Tomato yellow leaf curl virus (TYLCV) causes significant yield loss in tomato production in the southeastern United States and elsewhere. TYLCV is transmitted by the whitefly cryptic species in a persistent, circulative, and non-propagative manner. Unexpectedly, transovarial and sexual transmission of TYLCV has been reported for one strain from Israel. In this study, the potential contribution of the B cryptic species transovarial and sexual transmission of TYLCV (Israel strain, Georgia variant, Georgia, USA) to reoccurring outbreaks was investigated by conducting whitefly-TYLCV transmission assays and virus DNA detection using end point PCR, DNA quantitation via real-time PCR, and virion detection by immunocapture PCR. TYLCV DNA was detectable in four, two, and two percent of first-generation fourth-instar nymphs, first-generation adults, and second-generation adults, respectively, following transovarial acquisition. Post-mating between viruliferous counterparts, the virus's DNA was detected in four percent of males and undetectable in females. The accumulation of TYLCV DNA in whiteflies from the transovarial and/or sexual experiments was substantially lower (100 to 1000-fold) compared with whitefly adults allowed a 48-hr acquisition-access period on plants infected with TYLCV. Despite the detection of TYLCV DNA in whiteflies from the transovarial and/or mating experiments, the virions were undetectable by immunocapture PCR-a technique specifically designed to detect virions. Furthermore, tomato test plants exposed to whitefly adults that presumably acquired TYLCV transovarially or through mating remained free of detectable TYLCV DNA. Collectively, the extremely low levels of TYLCV DNA and complete absence of virions detected in whiteflies and the inability of the cryptic species B to transmit TYLCV to test tomato plants following transovarial and mating acquisition indicate that neither transovarial nor sexual transmission of TYLCV are probable or epidemiologically relevant for TYLCV persistence in this pathosystem.

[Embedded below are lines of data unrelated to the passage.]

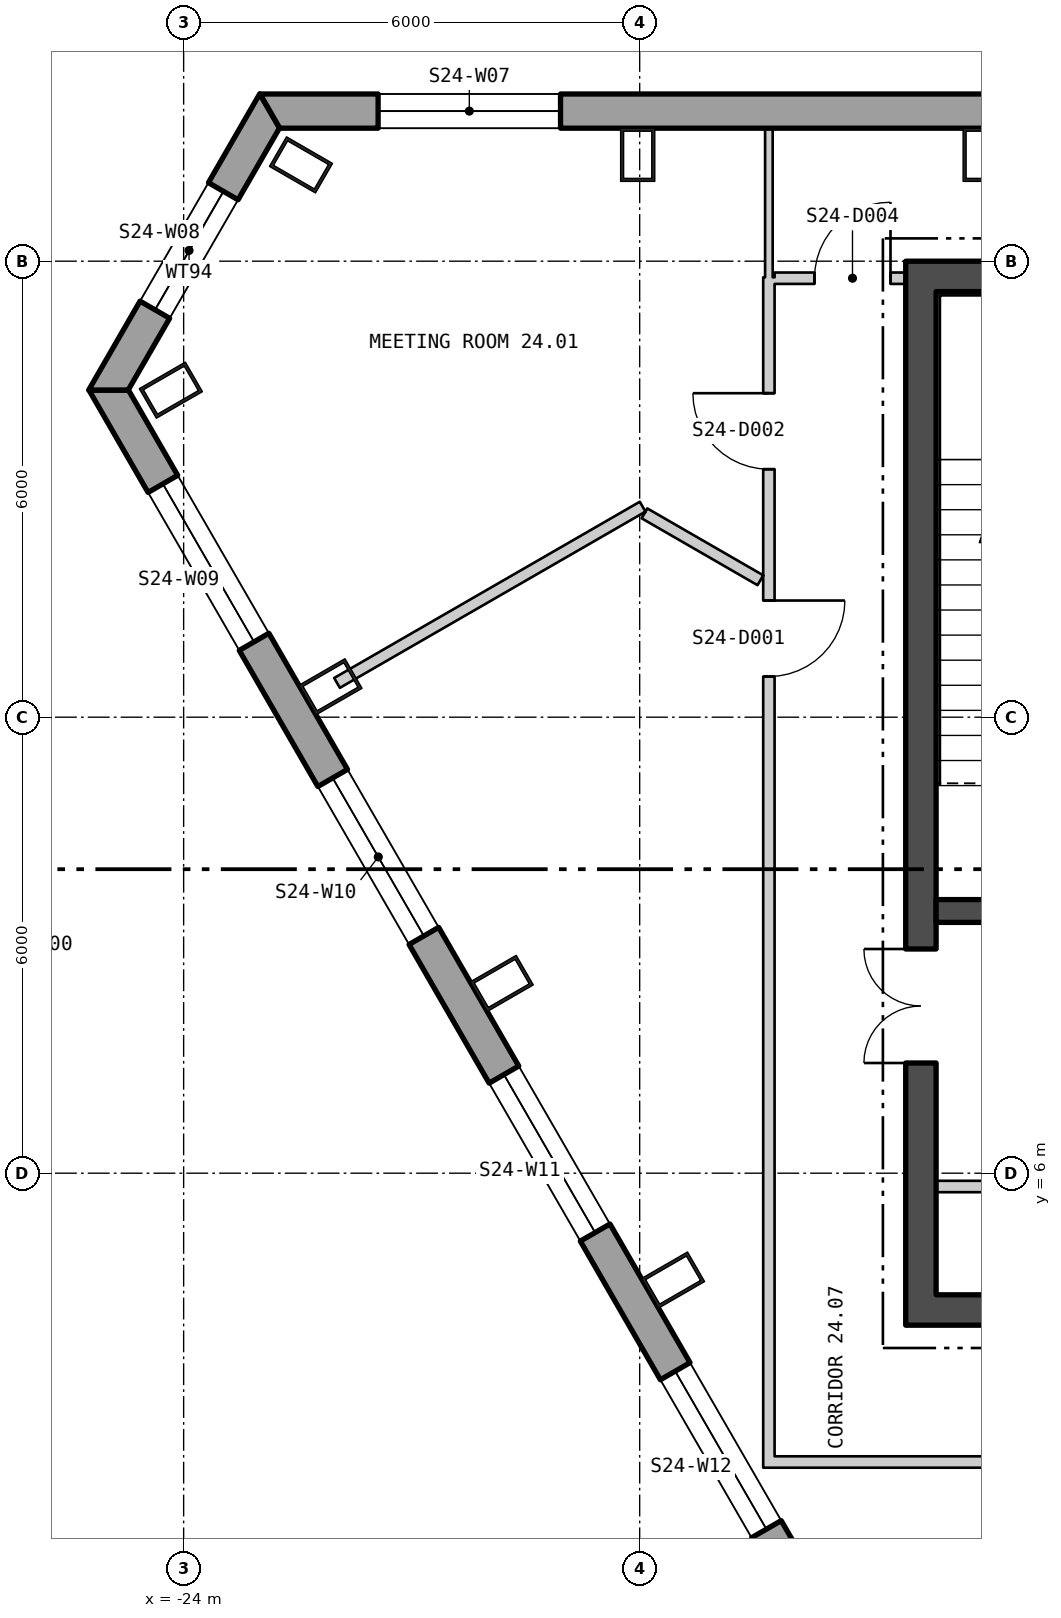
"""IFC4 building model, lengths in metres.
Left out: names, types, materials, properties, quantities, classifications, styles, units other than length and angle.
Written with IfcOpenShell. Run it as: python <this file> out.ifc"""

import sys

from ifc_helpers import new_model, si_unit, direction, frame, frame_2d, origin, origin_2d, place, context, subcontext, project, spatial, polyline, rectangle, hollow_rectangle, outline, extrude, element, fill, save


model = new_model("IFC4")
c1 = context("Model", 3, precision=1e-05, world=origin(), true_north=direction((0.0, 1.0)))
c2 = subcontext(c1, "Body", "Model", "MODEL_VIEW")
j1 = project(units=[si_unit("LENGTHUNIT", "METRE"), si_unit("PLANEANGLEUNIT", "RADIAN")], contexts=[c1])
p1 = place(None, origin())
s1 = spatial("IfcSite", under=j1, at=p1, CompositionType="ELEMENT")
p2 = place(p1, origin())
s2 = spatial("IfcBuilding", under=s1, at=p2, CompositionType="ELEMENT")
p3 = place(p2, frame((0.0, 0.0, 312.6)))
s3 = spatial("IfcBuildingStorey", under=s2, at=p3, CompositionType="ELEMENT", Elevation=312.6)
for number, where, z_axis, x_axis in (
    (1, (-13.52, 19.4, 0.0), (0.0, 0.0, 1.0), (-1.0, 0.0, 0.0)),
    (2, (-18.026, 19.4, 0.0), (0.0, 0.0, 1.0), (-1.0, 0.0, 0.0)),
    (3, (-22.456, 19.267, 0.0), (0.0, 0.0, 1.0), (-0.5, -0.866, 0.0)),
    (4, (-24.168, 16.303, 0.0), (0.0, 0.0, 1.0), (0.5, -0.866, 0.0)),
    (5, (-22.068, 12.4, 0.0), (0.0, 0.0, 1.0), (0.5, -0.866, 0.0)),
    (6, (-19.815, 8.497, 0.0), (0.0, 0.0, 1.0), (0.5, -0.866, 0.0)),
    (7, (-17.561, 4.594, 0.0), (0.0, 0.0, 1.0), (0.5, -0.866, 0.0)),
):
    element("IfcColumn", number, at=place(p3, frame(where, z_axis=z_axis, x_axis=x_axis)), inside=s3, PredefinedType="COLUMN", context=c2, shape_type="SweptSolid", body=[
        extrude(hollow_rectangle(XDim=0.45, YDim=0.7, WallThickness=0.04, at=origin_2d()), origin(), (0.0, 0.0, 1.0), 4.2),
    ])
p4 = place(p3, frame((22.865, 19.975, -0.4), z_axis=(0.0, 0.0, 1.0), x_axis=(-1.0, 0.0, 0.0)))
e8 = element("IfcWall", 8, at=p4, inside=s3, PredefinedType="SOLIDWALL", context=c2, shape_type="SweptSolid", body=[
    extrude(outline(polyline([(-0.13, -0.225), (45.86, -0.225), (45.6, 0.225), (0.13, 0.225), (-0.13, -0.225)])), origin(), (0.0, 0.0, 1.0), 4.2),
])
p5 = place(p4, frame((1.424, 0.0, 1.3)))
e9 = element("IfcOpeningElement", 9, at=p5, cuts=e8, PredefinedType="OPENING", context=c2, shape_type="SweptSolid", body=[
    extrude(rectangle(XDim=2.4, YDim=2.3, at=frame_2d((1.2, 1.15))), frame((0.0, 0.235, 0.0), z_axis=(0.0, -1.0, 0.0), x_axis=(1.0, 0.0, 0.0)), (0.0, 0.0, 1.0), 0.47),
])
p6 = place(p4, frame((14.905, 0.0, 1.3)))
e10 = element("IfcOpeningElement", 10, at=p6, cuts=e8, PredefinedType="OPENING", context=c2, shape_type="SweptSolid", body=[
    extrude(rectangle(XDim=2.4, YDim=2.3, at=frame_2d((1.2, 1.15))), frame((0.0, 0.235, 0.0), z_axis=(0.0, -1.0, 0.0), x_axis=(1.0, 0.0, 0.0)), (0.0, 0.0, 1.0), 0.47),
])
p7 = place(p4, frame((19.412, 0.0, 1.3)))
e11 = element("IfcOpeningElement", 11, at=p7, cuts=e8, PredefinedType="OPENING", context=c2, shape_type="SweptSolid", body=[
    extrude(rectangle(XDim=2.4, YDim=2.3, at=frame_2d((1.2, 1.15))), frame((0.0, 0.235, 0.0), z_axis=(0.0, -1.0, 0.0), x_axis=(1.0, 0.0, 0.0)), (0.0, 0.0, 1.0), 0.47),
])
p8 = place(p4, frame((23.918, 0.0, 1.3)))
e12 = element("IfcOpeningElement", 12, at=p8, cuts=e8, PredefinedType="OPENING", context=c2, shape_type="SweptSolid", body=[
    extrude(rectangle(XDim=2.4, YDim=2.3, at=frame_2d((1.2, 1.15))), frame((0.0, 0.235, 0.0), z_axis=(0.0, -1.0, 0.0), x_axis=(1.0, 0.0, 0.0)), (0.0, 0.0, 1.0), 0.47),
])
p9 = place(p4, frame((28.425, 0.0, 1.3)))
e13 = element("IfcOpeningElement", 13, at=p9, cuts=e8, PredefinedType="OPENING", context=c2, shape_type="SweptSolid", body=[
    extrude(rectangle(XDim=2.4, YDim=2.3, at=frame_2d((1.2, 1.15))), frame((0.0, 0.235, 0.0), z_axis=(0.0, -1.0, 0.0), x_axis=(1.0, 0.0, 0.0)), (0.0, 0.0, 1.0), 0.47),
])
p10 = place(p4, frame((32.932, 0.0, 1.3)))
e14 = element("IfcOpeningElement", 14, at=p10, cuts=e8, PredefinedType="OPENING", context=c2, shape_type="SweptSolid", body=[
    extrude(rectangle(XDim=2.4, YDim=2.3, at=frame_2d((1.2, 1.15))), frame((0.0, 0.235, 0.0), z_axis=(0.0, -1.0, 0.0), x_axis=(1.0, 0.0, 0.0)), (0.0, 0.0, 1.0), 0.47),
])
p11 = place(p4, frame((41.907, 0.0, 1.3)))
e15 = element("IfcOpeningElement", 15, at=p11, cuts=e8, PredefinedType="OPENING", context=c2, shape_type="SweptSolid", body=[
    extrude(rectangle(XDim=2.4, YDim=2.3, at=frame_2d((1.2, 1.15))), frame((0.0, 0.235, 0.0), z_axis=(0.0, -1.0, 0.0), x_axis=(1.0, 0.0, 0.0)), (0.0, 0.0, 1.0), 0.47),
])
p12 = place(p3, frame((-22.869, 19.977, -0.4), z_axis=(0.0, 0.0, 1.0), x_axis=(-0.500002136082, -0.866024170514, 0.0)))
e16 = element("IfcWall", 16, at=p12, inside=s3, PredefinedType="SOLIDWALL", context=c2, shape_type="SweptSolid", body=[
    extrude(outline(polyline([(-0.13, -0.225), (4.37, -0.225), (4.11, 0.225), (0.13, 0.225), (-0.13, -0.225)])), origin(), (0.0, 0.0, 1.0), 4.2),
])
p13 = place(p12, frame((1.22, 0.0, 1.3)))
e17 = element("IfcOpeningElement", 17, at=p13, cuts=e16, PredefinedType="OPENING", context=c2, shape_type="SweptSolid", body=[
    extrude(rectangle(XDim=1.8, YDim=2.3, at=frame_2d((0.9, 1.15))), frame((0.0, 0.235, 0.0), z_axis=(0.0, -1.0, 0.0), x_axis=(1.0, 0.0, 0.0)), (0.0, 0.0, 1.0), 0.47),
])
p14 = place(p3, frame((-24.985, 16.303, -0.18), z_axis=(0.0, 0.0, 1.0), x_axis=(0.500000141277, -0.866025322218, 0.0)))
e18 = element("IfcWall", 18, at=p14, inside=s3, PredefinedType="SOLIDWALL", context=c2, shape_type="SweptSolid", body=[
    extrude(outline(polyline([(-0.13, -0.225), (45.86, -0.225), (45.6, 0.225), (0.13, 0.225), (-0.13, -0.225)])), origin(), (0.0, 0.0, 1.0), 3.98),
])
p15 = place(p14, frame((1.424, 0.0, 1.08)))
e19 = element("IfcOpeningElement", 19, at=p15, cuts=e18, PredefinedType="OPENING", context=c2, shape_type="SweptSolid", body=[
    extrude(rectangle(XDim=2.4, YDim=2.3, at=frame_2d((1.2, 1.15))), frame((0.0, 0.235, 0.0), z_axis=(0.0, -1.0, 0.0), x_axis=(1.0, 0.0, 0.0)), (0.0, 0.0, 1.0), 0.47),
])
p16 = place(p14, frame((5.892, 0.0, 1.08)))
e20 = element("IfcOpeningElement", 20, at=p16, cuts=e18, PredefinedType="OPENING", context=c2, shape_type="SweptSolid", body=[
    extrude(rectangle(XDim=2.4, YDim=2.3, at=frame_2d((1.2, 1.15))), frame((0.0, 0.235, 0.0), z_axis=(0.0, -1.0, 0.0), x_axis=(1.0, 0.0, 0.0)), (0.0, 0.0, 1.0), 0.47),
])
p17 = place(p14, frame((10.399, 0.0, 1.08)))
e21 = element("IfcOpeningElement", 21, at=p17, cuts=e18, PredefinedType="OPENING", context=c2, shape_type="SweptSolid", body=[
    extrude(rectangle(XDim=2.4, YDim=2.3, at=frame_2d((1.2, 1.15))), frame((0.0, 0.235, 0.0), z_axis=(0.0, -1.0, 0.0), x_axis=(1.0, 0.0, 0.0)), (0.0, 0.0, 1.0), 0.47),
])
p18 = place(p14, frame((14.905, 0.0, 1.08)))
e22 = element("IfcOpeningElement", 22, at=p18, cuts=e18, PredefinedType="OPENING", context=c2, shape_type="SweptSolid", body=[
    extrude(rectangle(XDim=2.4, YDim=2.3, at=frame_2d((1.2, 1.15))), frame((0.0, 0.235, 0.0), z_axis=(0.0, -1.0, 0.0), x_axis=(1.0, 0.0, 0.0)), (0.0, 0.0, 1.0), 0.47),
])
p19 = place(p14, frame((19.412, 0.0, 1.08)))
e23 = element("IfcOpeningElement", 23, at=p19, cuts=e18, PredefinedType="OPENING", context=c2, shape_type="SweptSolid", body=[
    extrude(rectangle(XDim=2.4, YDim=2.3, at=frame_2d((1.2, 1.15))), frame((0.0, 0.235, 0.0), z_axis=(0.0, -1.0, 0.0), x_axis=(1.0, 0.0, 0.0)), (0.0, 0.0, 1.0), 0.47),
])
p20 = place(p14, frame((23.918, 0.0, 1.08)))
e24 = element("IfcOpeningElement", 24, at=p20, cuts=e18, PredefinedType="OPENING", context=c2, shape_type="SweptSolid", body=[
    extrude(rectangle(XDim=2.4, YDim=2.3, at=frame_2d((1.2, 1.15))), frame((0.0, 0.235, 0.0), z_axis=(0.0, -1.0, 0.0), x_axis=(1.0, 0.0, 0.0)), (0.0, 0.0, 1.0), 0.47),
])
p21 = place(p14, frame((28.425, 0.0, 1.08)))
e25 = element("IfcOpeningElement", 25, at=p21, cuts=e18, PredefinedType="OPENING", context=c2, shape_type="SweptSolid", body=[
    extrude(rectangle(XDim=2.4, YDim=2.3, at=frame_2d((1.2, 1.15))), frame((0.0, 0.235, 0.0), z_axis=(0.0, -1.0, 0.0), x_axis=(1.0, 0.0, 0.0)), (0.0, 0.0, 1.0), 0.47),
])
p22 = place(p14, frame((37.438, 0.0, 1.08)))
e26 = element("IfcOpeningElement", 26, at=p22, cuts=e18, PredefinedType="OPENING", context=c2, shape_type="SweptSolid", body=[
    extrude(rectangle(XDim=2.4, YDim=2.3, at=frame_2d((1.2, 1.15))), frame((0.0, 0.235, 0.0), z_axis=(0.0, -1.0, 0.0), x_axis=(1.0, 0.0, 0.0)), (0.0, 0.0, 1.0), 0.47),
])
p23 = place(p14, frame((41.907, 0.0, 1.08)))
e27 = element("IfcOpeningElement", 27, at=p23, cuts=e18, PredefinedType="OPENING", context=c2, shape_type="SweptSolid", body=[
    extrude(rectangle(XDim=2.4, YDim=2.3, at=frame_2d((1.2, 1.15))), frame((0.0, 0.235, 0.0), z_axis=(0.0, -1.0, 0.0), x_axis=(1.0, 0.0, 0.0)), (0.0, 0.0, 1.0), 0.47),
])
p24 = place(p3, frame((-14.5, 4.2, 0.0), z_axis=(0.0, 0.0, 1.0), x_axis=(1.0, 0.0, 0.0)))
e28 = element("IfcWall", 28, at=p24, inside=s3, PredefinedType="SHEAR", context=c2, shape_type="SweptSolid", body=[
    extrude(rectangle(XDim=29.0, YDim=0.4, at=frame_2d((14.5, 0.0))), origin(), (0.0, 0.0, 1.0), 4.0),
])
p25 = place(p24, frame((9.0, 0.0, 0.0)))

番茄黄化曲叶病毒(TYLCV)在美国东南部及其他地区的番茄生产中导致了严重的产量损失。TYLCV由粉虱隐种以持久、循环且非增殖的方式传播。出乎意料的是,已报道来自以色列的一个毒株可经卵和有性传播TYLCV。在本研究中,通过进行粉虱 - TYLCV传播试验以及使用终点PCR进行病毒DNA检测、通过实时PCR进行DNA定量以及通过免疫捕获PCR进行病毒粒子检测,研究了粉虱隐种B经卵和有性传播TYLCV(以色列毒株,佐治亚变种,美国佐治亚州)对反复爆发的潜在贡献。经卵获取后,分别在4%、2%和2%的第一代四龄若虫、第一代成虫和第二代成虫中检测到TYLCV DNA。带毒个体交配后,在4%的雄虫中检测到病毒DNA,而雌虫中未检测到。与在感染TYLCV的植株上有48小时获毒取食期的粉虱成虫相比,经卵和/或有性试验的粉虱中TYLCV DNA的积累量显著更低(100至1000倍)。尽管在经卵和/或交配试验的粉虱中检测到了TYLCV DNA,但通过专门设计用于检测病毒粒子的免疫捕获PCR未检测到病毒粒子。此外,接触可能经卵或通过交配获得TYLCV的粉虱成虫的番茄试验植株未检测到可检测到的TYLCV DNA。总体而言,在粉虱中检测到的TYLCV DNA水平极低且未检测到病毒粒子,以及隐种B在经卵和交配获取后无法将TYLCV传播给试验番茄植株,表明TYLCV的经卵传播和有性传播对于该病害系统中TYLCV的持续存在不太可能发生,在流行病学上也不相关。